# where do you keep yuor crickets/live foods



## wizzy (Apr 25, 2007)

i'm sure this has been asked maby times before
so mums not keen on the idear of having crickets ect in the house, worm type animals i'm sure she'll be fine with.

her main problem is the noise, does it drive you mad? it doesn't seem to bother me to much. what about keeping then in the garage. obviously things like heat (especially in the winter) and lighting would be an issue.......


----------



## CT1974 (Mar 29, 2007)

You can get 'silent' crickets, and although quieter than normal crix, you can still hear them!

The only sound you get from locusts is when they jump up and down in the tubs. Much prefer these, along with mealies and waxies.

I keep my viv on the top of an old tv unit, which has two cupboards in it - all the feeders go in there, so no chance of hearing them. (holes for ventilation at the back, plus they are in the house, so heat/light isn't a problem)

Hope this helps! :smile:


----------



## Magpye (Jan 26, 2007)

You could easily keep them in a garage in a polystyrene box with a heatmat and a few holes for ventilation. The cold won't kill them, just "paralyse" them until they warm up again - obviously a bit of an issue if you need them to last for a while as you gut load them.


----------



## HABU (Mar 21, 2007)

5gal. bucket


----------



## BELIAL (Nov 10, 2006)

keeping crickets at low temps will kill them same with locusts...i keep all of mine on top of my vivs...keep em warm as the top of the vivs heats up. you could keep them in a garage but it would have to be warm or have a heat pad under the tub.


----------



## miffikins (Feb 25, 2007)

When I have a noisy box they go in the small shower!
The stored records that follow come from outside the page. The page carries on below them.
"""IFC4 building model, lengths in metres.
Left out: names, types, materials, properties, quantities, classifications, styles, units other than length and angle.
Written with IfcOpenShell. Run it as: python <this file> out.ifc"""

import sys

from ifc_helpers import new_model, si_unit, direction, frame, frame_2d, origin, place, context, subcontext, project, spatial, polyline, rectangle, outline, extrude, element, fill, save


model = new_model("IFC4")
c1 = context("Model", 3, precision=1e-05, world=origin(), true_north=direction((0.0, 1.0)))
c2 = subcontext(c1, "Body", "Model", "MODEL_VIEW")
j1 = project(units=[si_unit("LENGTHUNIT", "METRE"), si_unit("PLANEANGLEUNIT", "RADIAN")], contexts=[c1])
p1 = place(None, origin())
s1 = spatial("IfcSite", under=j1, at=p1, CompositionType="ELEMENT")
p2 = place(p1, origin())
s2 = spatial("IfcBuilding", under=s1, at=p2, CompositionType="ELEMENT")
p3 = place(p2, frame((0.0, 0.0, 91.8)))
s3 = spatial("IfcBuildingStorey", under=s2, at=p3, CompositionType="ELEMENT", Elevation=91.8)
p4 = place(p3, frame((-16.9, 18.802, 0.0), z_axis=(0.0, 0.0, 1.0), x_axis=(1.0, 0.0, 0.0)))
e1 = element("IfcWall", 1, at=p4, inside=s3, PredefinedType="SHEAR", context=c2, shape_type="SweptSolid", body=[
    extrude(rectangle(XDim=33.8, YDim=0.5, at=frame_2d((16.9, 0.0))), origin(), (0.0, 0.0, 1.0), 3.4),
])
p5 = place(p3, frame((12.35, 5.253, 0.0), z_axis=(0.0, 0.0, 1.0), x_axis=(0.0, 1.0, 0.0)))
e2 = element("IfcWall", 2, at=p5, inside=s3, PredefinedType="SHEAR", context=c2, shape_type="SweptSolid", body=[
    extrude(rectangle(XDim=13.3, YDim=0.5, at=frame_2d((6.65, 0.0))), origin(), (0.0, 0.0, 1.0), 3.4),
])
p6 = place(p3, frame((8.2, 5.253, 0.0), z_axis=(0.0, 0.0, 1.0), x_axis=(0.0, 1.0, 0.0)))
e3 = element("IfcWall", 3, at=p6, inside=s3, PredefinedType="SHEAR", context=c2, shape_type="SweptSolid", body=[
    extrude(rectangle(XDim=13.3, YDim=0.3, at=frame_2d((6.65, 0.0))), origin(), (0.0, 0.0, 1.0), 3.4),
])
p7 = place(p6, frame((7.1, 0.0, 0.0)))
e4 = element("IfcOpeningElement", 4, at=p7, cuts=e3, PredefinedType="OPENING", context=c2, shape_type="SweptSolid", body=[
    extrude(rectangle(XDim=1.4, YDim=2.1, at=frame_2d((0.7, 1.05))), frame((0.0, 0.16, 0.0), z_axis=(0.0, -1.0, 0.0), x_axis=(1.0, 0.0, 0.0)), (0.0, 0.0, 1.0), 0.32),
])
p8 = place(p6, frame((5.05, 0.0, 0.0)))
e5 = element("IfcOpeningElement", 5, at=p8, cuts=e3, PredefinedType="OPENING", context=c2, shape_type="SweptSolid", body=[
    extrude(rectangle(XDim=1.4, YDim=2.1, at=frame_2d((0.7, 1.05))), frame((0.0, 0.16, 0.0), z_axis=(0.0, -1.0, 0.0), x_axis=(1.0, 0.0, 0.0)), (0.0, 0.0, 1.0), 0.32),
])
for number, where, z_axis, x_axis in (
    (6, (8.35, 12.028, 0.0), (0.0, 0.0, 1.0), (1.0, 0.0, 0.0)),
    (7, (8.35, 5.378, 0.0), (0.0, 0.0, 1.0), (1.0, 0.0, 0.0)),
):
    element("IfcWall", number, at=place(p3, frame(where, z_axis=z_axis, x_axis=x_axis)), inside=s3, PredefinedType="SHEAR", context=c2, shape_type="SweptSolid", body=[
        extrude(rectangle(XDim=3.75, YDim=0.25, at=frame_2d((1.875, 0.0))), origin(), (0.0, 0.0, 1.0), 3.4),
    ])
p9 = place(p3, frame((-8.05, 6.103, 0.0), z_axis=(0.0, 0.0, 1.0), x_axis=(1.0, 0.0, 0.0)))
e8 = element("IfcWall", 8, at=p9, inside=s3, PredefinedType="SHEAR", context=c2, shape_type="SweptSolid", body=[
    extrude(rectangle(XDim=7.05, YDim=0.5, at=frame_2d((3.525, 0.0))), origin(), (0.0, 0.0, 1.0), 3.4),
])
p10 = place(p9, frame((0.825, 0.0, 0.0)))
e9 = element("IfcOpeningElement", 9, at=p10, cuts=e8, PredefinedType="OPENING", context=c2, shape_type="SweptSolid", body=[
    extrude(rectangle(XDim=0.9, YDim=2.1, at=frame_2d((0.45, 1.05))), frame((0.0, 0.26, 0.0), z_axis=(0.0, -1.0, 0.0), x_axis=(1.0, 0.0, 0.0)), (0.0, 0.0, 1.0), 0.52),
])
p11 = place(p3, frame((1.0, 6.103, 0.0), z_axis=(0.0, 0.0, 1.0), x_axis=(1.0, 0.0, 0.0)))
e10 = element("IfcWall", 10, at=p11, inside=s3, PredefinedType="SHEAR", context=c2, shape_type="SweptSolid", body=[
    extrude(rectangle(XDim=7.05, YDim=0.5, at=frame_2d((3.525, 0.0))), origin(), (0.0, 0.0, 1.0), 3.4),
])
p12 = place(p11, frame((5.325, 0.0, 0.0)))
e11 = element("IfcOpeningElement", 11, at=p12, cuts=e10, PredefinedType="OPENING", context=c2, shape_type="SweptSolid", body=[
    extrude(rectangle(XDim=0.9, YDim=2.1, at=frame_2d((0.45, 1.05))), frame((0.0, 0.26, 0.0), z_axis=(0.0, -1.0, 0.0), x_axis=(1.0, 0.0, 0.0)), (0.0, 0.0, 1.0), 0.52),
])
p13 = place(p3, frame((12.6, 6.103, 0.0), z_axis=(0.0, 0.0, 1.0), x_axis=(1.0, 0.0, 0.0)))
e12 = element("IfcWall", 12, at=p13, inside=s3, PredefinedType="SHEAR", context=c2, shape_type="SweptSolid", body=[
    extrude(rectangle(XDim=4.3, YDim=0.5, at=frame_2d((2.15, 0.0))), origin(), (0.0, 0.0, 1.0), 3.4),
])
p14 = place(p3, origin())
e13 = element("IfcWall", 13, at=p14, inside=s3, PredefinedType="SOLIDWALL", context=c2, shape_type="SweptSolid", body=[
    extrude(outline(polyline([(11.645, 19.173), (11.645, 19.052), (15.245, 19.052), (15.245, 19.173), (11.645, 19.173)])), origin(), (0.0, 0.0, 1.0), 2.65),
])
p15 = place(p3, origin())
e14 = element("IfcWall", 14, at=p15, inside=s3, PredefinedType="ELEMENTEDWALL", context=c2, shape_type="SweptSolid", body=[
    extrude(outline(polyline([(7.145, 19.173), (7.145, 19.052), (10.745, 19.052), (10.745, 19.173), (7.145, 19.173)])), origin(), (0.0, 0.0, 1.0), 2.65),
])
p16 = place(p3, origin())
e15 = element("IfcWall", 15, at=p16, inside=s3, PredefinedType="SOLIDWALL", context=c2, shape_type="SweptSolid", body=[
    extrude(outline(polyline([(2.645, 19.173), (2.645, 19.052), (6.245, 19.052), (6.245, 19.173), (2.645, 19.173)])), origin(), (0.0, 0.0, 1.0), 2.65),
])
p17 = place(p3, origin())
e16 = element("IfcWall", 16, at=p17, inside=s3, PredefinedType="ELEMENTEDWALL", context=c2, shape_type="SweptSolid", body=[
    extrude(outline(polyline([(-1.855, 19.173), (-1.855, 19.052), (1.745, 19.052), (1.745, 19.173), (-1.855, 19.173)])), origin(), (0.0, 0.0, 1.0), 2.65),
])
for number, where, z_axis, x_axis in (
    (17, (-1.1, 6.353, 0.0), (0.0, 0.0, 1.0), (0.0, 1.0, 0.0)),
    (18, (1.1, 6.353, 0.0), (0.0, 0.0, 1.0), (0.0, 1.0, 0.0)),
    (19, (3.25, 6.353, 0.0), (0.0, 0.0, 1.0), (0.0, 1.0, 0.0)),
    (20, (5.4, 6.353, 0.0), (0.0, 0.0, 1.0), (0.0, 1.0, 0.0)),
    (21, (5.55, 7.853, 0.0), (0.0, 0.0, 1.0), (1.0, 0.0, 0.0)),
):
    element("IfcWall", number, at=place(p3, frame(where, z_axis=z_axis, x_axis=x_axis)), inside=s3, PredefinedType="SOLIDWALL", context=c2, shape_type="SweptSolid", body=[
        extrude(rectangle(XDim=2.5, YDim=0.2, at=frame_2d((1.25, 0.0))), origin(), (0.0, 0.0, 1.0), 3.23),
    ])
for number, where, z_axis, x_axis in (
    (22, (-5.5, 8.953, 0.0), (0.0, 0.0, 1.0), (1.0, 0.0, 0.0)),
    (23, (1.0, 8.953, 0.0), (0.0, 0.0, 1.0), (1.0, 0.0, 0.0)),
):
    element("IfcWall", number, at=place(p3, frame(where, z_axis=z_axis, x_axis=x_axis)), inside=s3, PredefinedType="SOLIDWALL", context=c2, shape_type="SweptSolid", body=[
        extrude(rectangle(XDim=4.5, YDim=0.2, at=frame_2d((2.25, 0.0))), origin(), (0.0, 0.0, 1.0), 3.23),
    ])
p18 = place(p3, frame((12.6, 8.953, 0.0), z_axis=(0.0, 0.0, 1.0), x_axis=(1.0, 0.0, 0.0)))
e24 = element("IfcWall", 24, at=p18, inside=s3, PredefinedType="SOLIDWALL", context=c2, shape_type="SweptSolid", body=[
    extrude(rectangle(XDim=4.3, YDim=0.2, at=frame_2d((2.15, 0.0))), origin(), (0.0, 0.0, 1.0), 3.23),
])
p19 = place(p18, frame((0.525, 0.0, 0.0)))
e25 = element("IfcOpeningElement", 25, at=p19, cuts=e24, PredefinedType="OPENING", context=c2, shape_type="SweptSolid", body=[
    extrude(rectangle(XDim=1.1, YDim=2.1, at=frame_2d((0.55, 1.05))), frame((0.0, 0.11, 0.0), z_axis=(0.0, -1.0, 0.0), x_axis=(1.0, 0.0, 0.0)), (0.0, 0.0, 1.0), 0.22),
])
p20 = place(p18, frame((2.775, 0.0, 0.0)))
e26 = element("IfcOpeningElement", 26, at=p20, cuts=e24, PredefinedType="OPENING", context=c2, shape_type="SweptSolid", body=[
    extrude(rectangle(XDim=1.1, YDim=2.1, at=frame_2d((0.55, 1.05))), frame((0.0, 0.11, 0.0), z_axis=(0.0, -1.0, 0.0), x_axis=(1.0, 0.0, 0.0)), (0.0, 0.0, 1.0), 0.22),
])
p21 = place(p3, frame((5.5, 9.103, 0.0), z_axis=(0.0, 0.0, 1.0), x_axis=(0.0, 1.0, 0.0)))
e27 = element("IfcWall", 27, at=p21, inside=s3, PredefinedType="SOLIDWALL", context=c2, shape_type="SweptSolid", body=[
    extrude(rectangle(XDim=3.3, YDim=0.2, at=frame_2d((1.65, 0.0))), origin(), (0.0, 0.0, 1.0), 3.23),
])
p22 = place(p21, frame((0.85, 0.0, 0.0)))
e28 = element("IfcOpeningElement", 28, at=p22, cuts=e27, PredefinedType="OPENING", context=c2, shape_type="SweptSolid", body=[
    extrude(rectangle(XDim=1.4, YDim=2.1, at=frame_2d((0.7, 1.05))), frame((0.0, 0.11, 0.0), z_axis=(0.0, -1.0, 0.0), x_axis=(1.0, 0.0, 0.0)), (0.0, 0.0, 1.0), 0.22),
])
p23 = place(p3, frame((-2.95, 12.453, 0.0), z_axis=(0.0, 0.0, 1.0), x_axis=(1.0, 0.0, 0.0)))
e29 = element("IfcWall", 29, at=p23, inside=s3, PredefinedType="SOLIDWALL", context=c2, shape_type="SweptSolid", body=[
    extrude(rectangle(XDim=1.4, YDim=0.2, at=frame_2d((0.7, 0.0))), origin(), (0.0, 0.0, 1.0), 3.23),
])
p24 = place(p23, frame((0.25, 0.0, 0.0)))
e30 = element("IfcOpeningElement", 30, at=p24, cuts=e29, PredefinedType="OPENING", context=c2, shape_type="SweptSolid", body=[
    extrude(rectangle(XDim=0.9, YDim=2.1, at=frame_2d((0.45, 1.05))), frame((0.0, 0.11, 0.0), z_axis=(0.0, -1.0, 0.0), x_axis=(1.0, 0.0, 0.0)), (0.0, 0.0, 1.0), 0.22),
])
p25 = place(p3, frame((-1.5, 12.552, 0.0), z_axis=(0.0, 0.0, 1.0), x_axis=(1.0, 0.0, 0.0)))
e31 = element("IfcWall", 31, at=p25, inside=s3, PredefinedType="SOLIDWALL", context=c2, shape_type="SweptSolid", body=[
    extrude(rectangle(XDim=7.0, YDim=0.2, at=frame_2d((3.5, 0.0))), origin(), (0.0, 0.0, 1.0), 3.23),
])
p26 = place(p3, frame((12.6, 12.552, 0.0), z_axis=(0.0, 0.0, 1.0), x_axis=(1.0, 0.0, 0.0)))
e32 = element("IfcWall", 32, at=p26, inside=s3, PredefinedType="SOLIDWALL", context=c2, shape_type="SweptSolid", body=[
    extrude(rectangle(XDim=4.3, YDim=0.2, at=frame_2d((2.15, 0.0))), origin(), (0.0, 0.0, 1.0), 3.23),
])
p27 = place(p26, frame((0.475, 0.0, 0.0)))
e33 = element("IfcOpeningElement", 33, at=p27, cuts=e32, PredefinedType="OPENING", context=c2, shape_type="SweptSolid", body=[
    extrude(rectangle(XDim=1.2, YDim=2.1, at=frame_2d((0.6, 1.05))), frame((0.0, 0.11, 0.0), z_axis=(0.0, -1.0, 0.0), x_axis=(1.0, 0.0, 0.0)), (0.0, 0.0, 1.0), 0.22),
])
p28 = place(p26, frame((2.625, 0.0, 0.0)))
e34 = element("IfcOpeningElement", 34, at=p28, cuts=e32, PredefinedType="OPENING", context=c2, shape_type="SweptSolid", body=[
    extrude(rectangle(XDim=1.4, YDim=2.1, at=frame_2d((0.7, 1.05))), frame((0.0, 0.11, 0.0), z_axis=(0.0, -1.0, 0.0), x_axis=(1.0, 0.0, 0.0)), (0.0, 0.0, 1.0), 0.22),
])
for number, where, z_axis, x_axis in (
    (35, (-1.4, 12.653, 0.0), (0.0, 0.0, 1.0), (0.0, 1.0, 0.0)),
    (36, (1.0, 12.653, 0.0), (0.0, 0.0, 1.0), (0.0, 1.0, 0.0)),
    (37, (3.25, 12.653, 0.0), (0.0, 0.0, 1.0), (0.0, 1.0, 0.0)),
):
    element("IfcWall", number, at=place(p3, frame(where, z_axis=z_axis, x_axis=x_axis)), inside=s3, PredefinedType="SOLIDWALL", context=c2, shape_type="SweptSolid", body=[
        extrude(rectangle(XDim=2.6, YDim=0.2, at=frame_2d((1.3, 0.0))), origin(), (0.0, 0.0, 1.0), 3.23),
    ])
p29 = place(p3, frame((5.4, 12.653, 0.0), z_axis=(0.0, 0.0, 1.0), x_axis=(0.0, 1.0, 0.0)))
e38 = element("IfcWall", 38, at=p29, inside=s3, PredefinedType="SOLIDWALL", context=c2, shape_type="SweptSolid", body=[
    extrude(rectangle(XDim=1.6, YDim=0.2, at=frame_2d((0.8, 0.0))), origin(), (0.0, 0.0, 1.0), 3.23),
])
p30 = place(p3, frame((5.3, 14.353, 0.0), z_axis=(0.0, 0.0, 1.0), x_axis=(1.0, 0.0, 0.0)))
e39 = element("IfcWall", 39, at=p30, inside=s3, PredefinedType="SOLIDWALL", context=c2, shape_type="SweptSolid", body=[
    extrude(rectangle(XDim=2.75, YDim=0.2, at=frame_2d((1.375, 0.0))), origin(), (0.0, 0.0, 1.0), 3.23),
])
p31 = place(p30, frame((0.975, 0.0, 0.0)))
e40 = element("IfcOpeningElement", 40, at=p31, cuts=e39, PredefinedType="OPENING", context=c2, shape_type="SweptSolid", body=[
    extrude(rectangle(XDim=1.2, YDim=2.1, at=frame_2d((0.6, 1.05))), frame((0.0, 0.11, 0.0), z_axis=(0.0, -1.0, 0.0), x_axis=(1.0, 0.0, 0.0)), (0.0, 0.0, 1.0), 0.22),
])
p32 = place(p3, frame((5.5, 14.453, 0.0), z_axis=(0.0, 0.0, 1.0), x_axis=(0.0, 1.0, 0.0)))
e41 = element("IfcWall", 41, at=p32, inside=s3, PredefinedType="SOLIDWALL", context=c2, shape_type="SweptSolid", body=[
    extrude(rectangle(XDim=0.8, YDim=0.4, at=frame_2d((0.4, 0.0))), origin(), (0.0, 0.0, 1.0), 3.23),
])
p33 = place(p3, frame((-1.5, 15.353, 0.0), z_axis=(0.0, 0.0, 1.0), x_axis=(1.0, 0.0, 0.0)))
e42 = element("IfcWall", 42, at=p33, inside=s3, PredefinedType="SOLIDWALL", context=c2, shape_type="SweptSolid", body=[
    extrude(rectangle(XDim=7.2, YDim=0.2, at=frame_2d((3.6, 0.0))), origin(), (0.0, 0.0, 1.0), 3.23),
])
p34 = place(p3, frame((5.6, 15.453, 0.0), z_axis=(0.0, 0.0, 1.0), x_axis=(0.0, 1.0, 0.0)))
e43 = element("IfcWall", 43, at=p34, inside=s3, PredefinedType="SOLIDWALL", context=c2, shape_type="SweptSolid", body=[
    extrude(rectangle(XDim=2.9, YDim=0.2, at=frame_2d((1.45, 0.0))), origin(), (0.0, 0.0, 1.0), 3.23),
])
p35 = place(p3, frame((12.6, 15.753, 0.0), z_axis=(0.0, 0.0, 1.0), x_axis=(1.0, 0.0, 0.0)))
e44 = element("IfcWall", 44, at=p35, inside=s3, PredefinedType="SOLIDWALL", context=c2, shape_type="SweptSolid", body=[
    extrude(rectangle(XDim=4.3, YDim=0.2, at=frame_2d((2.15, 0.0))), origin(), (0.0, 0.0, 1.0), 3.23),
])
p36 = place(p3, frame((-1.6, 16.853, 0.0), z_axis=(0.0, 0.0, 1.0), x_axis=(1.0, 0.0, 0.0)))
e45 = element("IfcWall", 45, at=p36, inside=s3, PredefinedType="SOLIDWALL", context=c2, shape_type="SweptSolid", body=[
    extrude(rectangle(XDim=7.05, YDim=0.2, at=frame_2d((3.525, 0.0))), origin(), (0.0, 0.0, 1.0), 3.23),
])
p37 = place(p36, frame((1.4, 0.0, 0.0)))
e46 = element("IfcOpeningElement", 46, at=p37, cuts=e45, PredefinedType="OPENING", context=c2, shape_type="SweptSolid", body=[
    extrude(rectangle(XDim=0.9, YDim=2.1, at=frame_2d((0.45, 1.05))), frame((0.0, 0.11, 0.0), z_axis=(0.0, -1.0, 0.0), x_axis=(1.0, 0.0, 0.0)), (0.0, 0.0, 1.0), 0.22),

No of us really use that shower so the crix go in there. I also have a box in the garden as its warm, they seem to like it and it give nice background noise for bbqing! Obviously the tub is v secure so they won't infest the garden...


----------



## wizzy (Apr 25, 2007)

i have extra heat mat/lamp with a themosat thing, lol it will be a while before ig et anything (plannin ahead)


----------



## tazzyasb (May 4, 2005)

i keep mine on top of the viv in the sitting room to be honest i like the sound i find it relaxing it makes me think of being abroad maybe i am just strange though


----------



## tom1400 (Jan 21, 2007)

I leave mine to roam around my bedroom na only joking. I leave my crickets in there tubs and feed them every other day. My locusts i keep in a medium size platic fish tank. I buy them extra large but i just grow them a bit before feeding them.


----------



## reptilemanspoon (Aug 31, 2006)

hey mate,
i keep my crix and worms inside a cardboard box ontop of a viv. this usually keeps them quiet cause it calms them down being in the dark and also the warmth from the vivs below keeps them nice and toasty  i quite enjoy the sound of them now though, its quite relaxing when your trying to sleep but i guess thats just a matter of opinion. as for the mothers not liking them, i used to have the same problem but as long as you keep feeders hidden then they never usually mind  ...until they find one loose while cleaning !


----------



## wizzy (Apr 25, 2007)

lol the actuall insects themself don't bother her, when i had my snake and we used to go pick up mic they had escaped ones hopping around, and her firends son har a beardie - which she fed she just can't stand the chirping


----------



## Beardies (Sep 30, 2006)

i keep mine in the boxes they come in inside my garage (heating and air con) as i have 2 guineas and a rabbit in there too i only buy enough for a week at a time anyways and they never seem to die im not allowed mine in the house either my mum is terrified they will all eescape lol


----------



## welshgaz (Dec 12, 2005)

Ever thought of roaches?

There quite, clean, don't smell, easy to look after and after a while you have a free food source


----------



## wizzy (Apr 25, 2007)

yeah but roaches will take a bit more convinceing :|


----------



## Rainwater (Apr 18, 2007)

mine stay in my room...i used to go crazy with the noise but now i sleep through it. the rest of the house is too cold!


----------



## Jinx (May 31, 2005)

Mine live in the critter keeper plastic tanks you can get, and they sit in the cupboard in my reptile room. The noise has never been bad, sometimes theres nothing at all (due to silent crickets).


----------



## Jellybaby (May 14, 2007)

Just been reading this thread as I'm hoping to get a beardie sometime soon and only now it occured to me I have no idea what to do with the live food!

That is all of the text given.